The p53 tumor-suppressor gene is one of the most frequently mutated genes in cancers, and its mutations affect various biological actions, such as tumor growth, apoptosis, and so on. During hypoxia, p53 is stabilized by interaction with hypoxia-inducible factor-1 (HIF-1). This interaction raised the possibility for regulating HIF-1 activity by p53, which is still to be elucidated.


First, we introduced various types of the p53 mutant gene into Hep3B and evaluated the role of p53 in hypoxic responses, including vascular endothelial growth factor (VEGF) production and HIF-1 activation. Second, Hep3B-vector cells and Hep3B-p53 cells were subcutaneously injected into BALB/c (nu/nu) mice, and tumor progression and the hypoxic responses were analyzed. Finally, we investigated the role of the p53 mutant genes in the level of vascularity in human pancreatic neoplasia.

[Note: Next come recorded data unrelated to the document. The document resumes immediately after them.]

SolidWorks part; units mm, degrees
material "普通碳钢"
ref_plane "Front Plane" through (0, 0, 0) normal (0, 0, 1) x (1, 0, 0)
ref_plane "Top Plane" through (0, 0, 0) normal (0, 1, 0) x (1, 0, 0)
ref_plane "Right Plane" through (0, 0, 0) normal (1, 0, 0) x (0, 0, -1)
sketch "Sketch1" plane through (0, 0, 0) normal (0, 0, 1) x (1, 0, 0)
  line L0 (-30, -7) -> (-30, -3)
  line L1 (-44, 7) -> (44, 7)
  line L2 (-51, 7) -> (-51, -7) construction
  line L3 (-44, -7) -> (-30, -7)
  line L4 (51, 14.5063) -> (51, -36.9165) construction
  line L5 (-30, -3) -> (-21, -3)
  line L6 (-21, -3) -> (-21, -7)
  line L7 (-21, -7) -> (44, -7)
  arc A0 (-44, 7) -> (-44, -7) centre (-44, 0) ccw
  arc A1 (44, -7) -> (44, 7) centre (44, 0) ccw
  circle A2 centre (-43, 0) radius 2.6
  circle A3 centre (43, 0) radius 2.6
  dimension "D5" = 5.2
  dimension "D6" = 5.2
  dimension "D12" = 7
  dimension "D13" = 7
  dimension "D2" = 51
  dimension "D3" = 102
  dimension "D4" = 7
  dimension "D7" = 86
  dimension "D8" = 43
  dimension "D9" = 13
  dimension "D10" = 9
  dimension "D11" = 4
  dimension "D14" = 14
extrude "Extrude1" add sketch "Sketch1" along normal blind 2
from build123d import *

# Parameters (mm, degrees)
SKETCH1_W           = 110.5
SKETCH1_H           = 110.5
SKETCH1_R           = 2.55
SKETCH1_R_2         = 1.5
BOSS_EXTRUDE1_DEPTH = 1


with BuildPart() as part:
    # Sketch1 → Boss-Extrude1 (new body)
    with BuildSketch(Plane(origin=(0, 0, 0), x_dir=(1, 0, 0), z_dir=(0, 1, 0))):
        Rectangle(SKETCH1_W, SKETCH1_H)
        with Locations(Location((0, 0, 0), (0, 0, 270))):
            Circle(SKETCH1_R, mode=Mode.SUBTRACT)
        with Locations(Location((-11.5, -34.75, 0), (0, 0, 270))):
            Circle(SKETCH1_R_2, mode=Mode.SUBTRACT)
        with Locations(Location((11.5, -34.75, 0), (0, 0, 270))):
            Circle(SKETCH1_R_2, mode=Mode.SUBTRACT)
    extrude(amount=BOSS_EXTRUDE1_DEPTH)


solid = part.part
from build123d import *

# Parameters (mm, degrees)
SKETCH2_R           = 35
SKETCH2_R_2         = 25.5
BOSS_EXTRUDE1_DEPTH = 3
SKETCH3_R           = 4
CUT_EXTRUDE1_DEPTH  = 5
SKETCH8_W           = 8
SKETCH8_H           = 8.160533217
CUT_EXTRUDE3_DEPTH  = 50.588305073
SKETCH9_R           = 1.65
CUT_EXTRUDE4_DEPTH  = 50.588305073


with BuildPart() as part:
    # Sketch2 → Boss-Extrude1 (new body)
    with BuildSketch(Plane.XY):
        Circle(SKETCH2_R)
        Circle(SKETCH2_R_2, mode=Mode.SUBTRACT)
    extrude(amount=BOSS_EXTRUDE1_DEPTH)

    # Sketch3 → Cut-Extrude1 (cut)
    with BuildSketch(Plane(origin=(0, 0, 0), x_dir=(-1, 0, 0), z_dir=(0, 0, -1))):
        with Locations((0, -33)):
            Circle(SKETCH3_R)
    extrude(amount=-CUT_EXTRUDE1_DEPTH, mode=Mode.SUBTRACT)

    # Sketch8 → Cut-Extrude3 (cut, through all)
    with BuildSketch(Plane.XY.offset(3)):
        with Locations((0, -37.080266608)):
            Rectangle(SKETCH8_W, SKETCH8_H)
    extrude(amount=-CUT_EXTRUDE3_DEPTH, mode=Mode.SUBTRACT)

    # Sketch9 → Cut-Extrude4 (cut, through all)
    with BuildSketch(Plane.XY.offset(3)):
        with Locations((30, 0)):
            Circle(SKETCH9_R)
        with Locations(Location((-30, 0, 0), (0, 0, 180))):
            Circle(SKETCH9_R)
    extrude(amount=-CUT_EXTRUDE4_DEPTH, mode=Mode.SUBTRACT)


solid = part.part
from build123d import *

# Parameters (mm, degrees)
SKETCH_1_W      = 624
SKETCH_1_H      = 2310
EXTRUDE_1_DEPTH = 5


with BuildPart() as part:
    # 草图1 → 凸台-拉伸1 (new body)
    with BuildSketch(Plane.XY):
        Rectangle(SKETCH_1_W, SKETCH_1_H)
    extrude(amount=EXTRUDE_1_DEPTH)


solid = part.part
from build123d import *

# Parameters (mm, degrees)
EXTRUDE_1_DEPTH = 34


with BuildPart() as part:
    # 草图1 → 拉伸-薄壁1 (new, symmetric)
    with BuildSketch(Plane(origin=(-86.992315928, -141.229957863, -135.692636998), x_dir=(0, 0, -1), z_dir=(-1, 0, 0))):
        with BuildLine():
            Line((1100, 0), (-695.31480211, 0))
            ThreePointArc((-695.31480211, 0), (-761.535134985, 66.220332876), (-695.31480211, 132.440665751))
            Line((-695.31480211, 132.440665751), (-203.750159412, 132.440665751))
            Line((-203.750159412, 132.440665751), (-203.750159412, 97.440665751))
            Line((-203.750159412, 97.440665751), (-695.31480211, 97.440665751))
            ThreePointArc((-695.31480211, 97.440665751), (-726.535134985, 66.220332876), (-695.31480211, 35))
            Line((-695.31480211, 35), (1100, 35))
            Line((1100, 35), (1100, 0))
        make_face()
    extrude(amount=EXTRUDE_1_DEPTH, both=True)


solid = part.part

Here, we showed that expression of wild-type p53, but not null or mutated p53, significantly suppressed HIF-1 activity and production of VEGF, which mostly depends on the HIF-1β protein level. In a tumor xenograft model, we consistently found that loss of p53 promotes VEGF production, neovascularization, and tumor progression via accumulation of HIF-1β protein. Furthermore, in clinical pancreatic neoplasia, tumors with mutated p53 have significantly higher levels of vascularity than those with wild-type p53.


These results indicate that loss of p53 contributes to neovascularization through regulation of HIF-1.